The misclassification can likely be attributed to limitations of the neural network’s training sample. As shown in Figure 2 of JA23, The proper motion distribution of the base Gaia sample in right ascension and declination is broader than that of the training set, which is centred on the systemic motion of the LMC. As a result, the classifier performs best for stars near the centre of the LMC, while objects in the outskirts are more likely to be misclassified due to the difference in proper motion from the centre to the outskirts of the LMC. Since a purer sample more closely resembles the training sample, it also inherits its limitations. We therefore recommend the use of the complete sample in future studies of the outer disc.

Fig. 7 Comparison of the radial, VR (left panels), and residual tangential, $V_{\varphi }-\overline{V_{\varphi }}$ (right panels), velocity maps between the GLMC and the GLMC – GSMC of the K6 simulation right after the second pericentric passage, at t = 0 Ga (KRATOS suite, JA24). We show the same snapshot of the K6 simulation for two cases: GLMC disc only (top panels), and GLMC disc and GSMC particles (bottom panels). All maps are seen face-on, in the LMC in-plane (x′,y′) Cartesian coordinate system. A black contour line separates the overdensities (bar and spiral arms) from the underdensities.

5.3 Gaia observational errors and selection function

To verify that the asymmetries in the velocity maps are not a result of observational uncertainties, we applied Gaia DR3 observational errors to the KRATOS simulations. To this end, we projected the G_LMC to the position and orientation of the LMC in the heliocentric reference frame, using centre coordinates (α₀,δ₀) = (81.28°, −69.78°) (van der Marel 2001), inclination angle i = 34°, and position angle θ = 220° (Gaia Collaboration 2021). The effect of a different inclination or position angle on the kinematic maps has been studied in Jiménez-Arranz et al. (2023b), where no resulting systematic asymmetry was observed. From the projected KRATOS simulations, we created a mock catalogue of Gaia observable parameters²: positions (α, δ), parallax (ϖ), and proper motions (μ_α,μ_δ).
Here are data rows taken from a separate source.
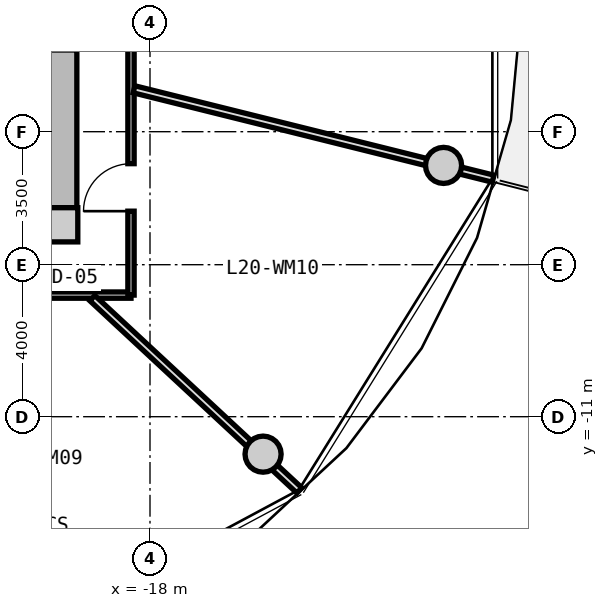
"""IFC4 building model, lengths in metres.
Left out: names, types, materials, properties, quantities, classifications, styles, units other than length and angle.
Written with IfcOpenShell. Run it as: python <this file> out.ifc"""

import sys

from ifc_helpers import new_model, si_unit, direction, frame, frame_2d, origin, origin_2d, place, context, subcontext, project, spatial, rectangle, circle, extrude, source, transform, mapped, element, fill, save


model = new_model("IFC4")
c1 = context("Model", 3, precision=1e-05, world=origin(), true_north=direction((0.0, 1.0)))
c2 = subcontext(c1, "Body", "Model", "MODEL_VIEW")
j1 = project(units=[si_unit("LENGTHUNIT", "METRE"), si_unit("PLANEANGLEUNIT", "RADIAN")], contexts=[c1])
p1 = place(None, origin())
s1 = spatial("IfcSite", under=j1, at=p1, CompositionType="ELEMENT")
p2 = place(p1, origin())
s2 = spatial("IfcBuilding", under=s1, at=p2, CompositionType="ELEMENT")
p3 = place(p2, frame((0.0, 0.0, 67.35)))
s3 = spatial("IfcBuildingStorey", under=s2, at=p3, CompositionType="ELEMENT", Elevation=67.35)
m1 = source(origin(), c2, "Body", "SweptSolid", [
    extrude(rectangle(XDim=0.9, YDim=0.9, at=origin_2d()), origin(), (0.0, 0.0, 1.0), 3.05),
])
p4 = place(p3, frame((-20.35, -5.95, 0.0), z_axis=(0.0, 0.0, 1.0), x_axis=(1.0, 0.0, 0.0)))
e1 = element("IfcColumn", 1, at=p4, inside=s3, PredefinedType="COLUMN", context=c2, shape_type="MappedRepresentation", body=[
    mapped(m1, transform((0.0, 0.0, 0.0), x_axis=(1.0, 0.0, 0.0), y_axis=(0.0, 1.0, 0.0), z_axis=(0.0, 0.0, 1.0), scale=1.0)),
])
m2 = source(origin(), c2, "Body", "SweptSolid", [
    extrude(rectangle(XDim=11.0, YDim=0.85, at=frame_2d((5.5, 0.0))), origin(), (0.0, 0.0, 1.0), 2.79),
])
p5 = place(p3, frame((-20.35, 5.5, 0.0), z_axis=(0.0, 0.0, 1.0), x_axis=(0.0, -1.0, 0.0)))
e2 = element("IfcWall", 2, at=p5, inside=s3, PredefinedType="SHEAR", context=c2, shape_type="MappedRepresentation", body=[
    mapped(m2, transform((0.0, 0.0, 0.0), x_axis=(1.0, 0.0, 0.0), y_axis=(0.0, 1.0, 0.0), z_axis=(0.0, 0.0, 1.0), scale=1.0)),
])
p6 = place(p5, frame((5.65, 0.0, 0.0)))
e3 = element("IfcOpeningElement", 3, at=p6, cuts=e2, PredefinedType="OPENING", context=c2, shape_type="SweptSolid", body=[
    extrude(rectangle(XDim=1.2, YDim=2.15, at=frame_2d((0.6, 1.075))), frame((0.0, 0.435, 0.0), z_axis=(0.0, -1.0, 0.0), x_axis=(1.0, 0.0, 0.0)), (0.0, 0.0, 1.0), 0.87),
])
m3 = source(origin(), c2, "Body", "SweptSolid", [
    extrude(circle(Radius=0.475, at=origin_2d()), origin(), (0.0, 0.0, 1.0), 3.05),
])
for number, where, z_axis, x_axis in (
    (4, (-15.025, -11.985, 0.0), (0.0, 0.0, 1.0), (1.0, 0.0, 0.0)),
    (5, (-10.275, -4.387, 0.0), (0.0, 0.0, 1.0), (1.0, 0.0, 0.0)),
):
    element("IfcColumn", number, at=place(p3, frame(where, z_axis=z_axis, x_axis=x_axis)), inside=s3, PredefinedType="COLUMN", context=c2, shape_type="MappedRepresentation", body=[
        mapped(m3, transform((0.0, 0.0, 0.0), x_axis=(1.0, 0.0, 0.0), y_axis=(0.0, 1.0, 0.0), z_axis=(0.0, 0.0, 1.0), scale=1.0)),
    ])
m4 = source(origin(), c2, "Body", "SweptSolid", [
    extrude(rectangle(XDim=19.0, YDim=0.165, at=frame_2d((9.5, 0.0))), origin(), (0.0, 0.0, 1.0), 2.775),
])
p7 = place(p3, frame((-18.5, -7.8, 0.0), z_axis=(0.0, 0.0, 1.0), x_axis=(-1.0, 0.0, 0.0)))
e6 = element("IfcWall", 6, at=p7, inside=s3, PredefinedType="PARTITIONING", context=c2, shape_type="MappedRepresentation", body=[
    mapped(m4, transform((0.0, 0.0, 0.0), x_axis=(1.0, 0.0, 0.0), y_axis=(0.0, 1.0, 0.0), z_axis=(0.0, 0.0, 1.0), scale=1.0)),
])
p8 = place(p7, frame((14.244, 0.0, 0.0)))
e7 = element("IfcOpeningElement", 7, at=p8, cuts=e6, PredefinedType="OPENING", context=c2, shape_type="SweptSolid", body=[
    extrude(rectangle(XDim=1.25, YDim=2.2, at=frame_2d((0.625, 1.1))), frame((0.0, 0.093, 0.0), z_axis=(0.0, -1.0, 0.0), x_axis=(1.0, 0.0, 0.0)), (0.0, 0.0, 1.0), 0.185),
])
p9 = place(p7, frame((10.523, 0.0, 0.0)))
e8 = element("IfcOpeningElement", 8, at=p9, cuts=e6, PredefinedType="OPENING", context=c2, shape_type="SweptSolid", body=[
    extrude(rectangle(XDim=0.92, YDim=2.1, at=frame_2d((0.46, 1.05))), frame((0.0, 0.093, 0.0), z_axis=(0.0, -1.0, 0.0), x_axis=(1.0, 0.0, 0.0)), (0.0, 0.0, 1.0), 0.185),
])
p10 = place(p7, frame((8.226, 0.0, 0.0)))
e9 = element("IfcOpeningElement", 9, at=p10, cuts=e6, PredefinedType="OPENING", context=c2, shape_type="SweptSolid", body=[
    extrude(rectangle(XDim=0.92, YDim=2.1, at=frame_2d((0.46, 1.05))), frame((0.0, 0.093, 0.0), z_axis=(0.0, -1.0, 0.0), x_axis=(1.0, 0.0, 0.0)), (0.0, 0.0, 1.0), 0.185),
])
p11 = place(p7, frame((3.506, 0.0, 0.0)))
e10 = element("IfcOpeningElement", 10, at=p11, cuts=e6, PredefinedType="OPENING", context=c2, shape_type="SweptSolid", body=[
    extrude(rectangle(XDim=1.25, YDim=2.2, at=frame_2d((0.625, 1.1))), frame((0.0, 0.093, 0.0), z_axis=(0.0, -1.0, 0.0), x_axis=(1.0, 0.0, 0.0)), (0.0, 0.0, 1.0), 0.185),
])
m5 = source(origin(), c2, "Body", "SweptSolid", [
    extrude(rectangle(XDim=15.6, YDim=0.165, at=frame_2d((7.8, 0.0))), origin(), (0.0, 0.0, 1.0), 2.775),
])
p12 = place(p3, frame((-18.5, 7.8, 0.0), z_axis=(0.0, 0.0, 1.0), x_axis=(0.0, -1.0, 0.0)))
e11 = element("IfcWall", 11, at=p12, inside=s3, PredefinedType="PARTITIONING", context=c2, shape_type="MappedRepresentation", body=[
    mapped(m5, transform((0.0, 0.0, 0.0), x_axis=(1.0, 0.0, 0.0), y_axis=(0.0, 1.0, 0.0), z_axis=(0.0, 0.0, 1.0), scale=1.0)),
])
p13 = place(p12, frame((12.141, 0.0, 0.0)))
e12 = element("IfcOpeningElement", 12, at=p13, cuts=e11, PredefinedType="OPENING", context=c2, shape_type="SweptSolid", body=[
    extrude(rectangle(XDim=1.25, YDim=2.2, at=frame_2d((0.625, 1.1))), frame((0.0, 0.093, 0.0), z_axis=(0.0, -1.0, 0.0), x_axis=(1.0, 0.0, 0.0)), (0.0, 0.0, 1.0), 0.185),
])
p14 = place(p12, frame((7.175, 0.0, 0.0)))
e13 = element("IfcOpeningElement", 13, at=p14, cuts=e11, PredefinedType="OPENING", context=c2, shape_type="SweptSolid", body=[
    extrude(rectangle(XDim=1.25, YDim=2.2, at=frame_2d((0.625, 1.1))), frame((0.0, 0.093, 0.0), z_axis=(0.0, -1.0, 0.0), x_axis=(1.0, 0.0, 0.0)), (0.0, 0.0, 1.0), 0.185),
])
p15 = place(p12, frame((2.826, 0.0, 0.0)))
e14 = element("IfcOpeningElement", 14, at=p15, cuts=e11, PredefinedType="OPENING", context=c2, shape_type="SweptSolid", body=[
    extrude(rectangle(XDim=1.05, YDim=2.15, at=frame_2d((0.525, 1.075))), frame((0.0, 0.093, 0.0), z_axis=(0.0, -1.0, 0.0), x_axis=(1.0, 0.0, 0.0)), (0.0, 0.0, 1.0), 0.185),
])
p16 = place(p12, frame((0.881, 0.0, 0.0)))
e15 = element("IfcOpeningElement", 15, at=p16, cuts=e11, PredefinedType="OPENING", context=c2, shape_type="SweptSolid", body=[
    extrude(rectangle(XDim=1.05, YDim=2.15, at=frame_2d((0.525, 1.075))), frame((0.0, 0.093, 0.0), z_axis=(0.0, -1.0, 0.0), x_axis=(1.0, 0.0, 0.0)), (0.0, 0.0, 1.0), 0.185),
])
m6 = source(origin(), c2, "Body", "SweptSolid", [
    extrude(rectangle(XDim=7.435, YDim=0.19, at=frame_2d((3.717, 0.0))), origin(), (0.0, 0.0, 1.0), 2.225),
])
p17 = place(p3, frame((-19.517, -7.88, 0.0), z_axis=(0.0, 0.0, 1.0), x_axis=(0.732651956848, -0.680603489652, 0.0)))
e16 = element("IfcWall", 16, at=p17, inside=s3, PredefinedType="PARTITIONING", context=c2, shape_type="MappedRepresentation", body=[
    mapped(m6, transform((0.0, 0.0, 0.0), x_axis=(1.0, 0.0, 0.0), y_axis=(0.0, 1.0, 0.0), z_axis=(0.0, 0.0, 1.0), scale=1.0)),
])
m7 = source(origin(), c2, "Body", "SweptSolid", [
    extrude(rectangle(XDim=9.737, YDim=0.19, at=frame_2d((4.869, 0.0))), origin(), (0.0, 0.0, 1.0), 2.225),
])
p18 = place(p3, frame((-18.42, -2.385, 0.0), z_axis=(0.0, 0.0, 1.0), x_axis=(0.970392716238, -0.241532557375, 0.0)))
e17 = element("IfcWall", 17, at=p18, inside=s3, PredefinedType="PARTITIONING", context=c2, shape_type="MappedRepresentation", body=[
    mapped(m7, transform((0.0, 0.0, 0.0), x_axis=(1.0, 0.0, 0.0), y_axis=(0.0, 1.0, 0.0), z_axis=(0.0, 0.0, 1.0), scale=1.0)),
])
m8 = source(origin(), c2, "Body", "SweptSolid", [
    extrude(rectangle(XDim=1.25, YDim=2.2, at=frame_2d((0.625, 1.1))), frame((0.0, 0.025, 0.0), z_axis=(0.0, -1.0, 0.0), x_axis=(1.0, 0.0, 0.0)), (0.0, 0.0, 1.0), 0.05),
])
p19 = place(p13, frame((1.25, 0.0, 0.0), z_axis=(0.0, 0.0, 1.0), x_axis=(-1.0, 0.0, 0.0)))
e18 = element("IfcDoor", 18, at=p19, inside=s3, OperationType="SINGLE_SWING_LEFT", PredefinedType="DOOR", context=c2, shape_type="MappedRepresentation", body=[
    mapped(m8, transform((0.0, 0.0, 0.0), x_axis=(1.0, 0.0, 0.0), y_axis=(0.0, 1.0, 0.0), z_axis=(0.0, 0.0, 1.0), scale=1.0)),
])
fill(e12, e18)
save(model, sys.argv[1])

We used a 3D extinction model (Marshall et al. 2006; Lallement et al. 2022), which is also applied in the Gaia Object Generator (GOG, Luri et al. 2014). To assign Gaia photometry to the simulated particles, we assumed red clump (RC) stellar parameters, since RC stars are dominant in the LMC (Gaia Collaboration 2021). From the absolute magnitude M_k = −1.61 and intrinsic colour (J - K)₀ = 0.55 of RC stars (Ruiz-Dern et al. 2018; Straižys & Lazauskaitė 2009), we computed G magnitudes for each particle. Then we used the Gaia DR3 error model of PyGaia (Brown et al. 2012) to assign uncertainties in position (σ_α*, σ_δ), parallax (σ_w), and proper motion (σ_μα, σ_μδ)³.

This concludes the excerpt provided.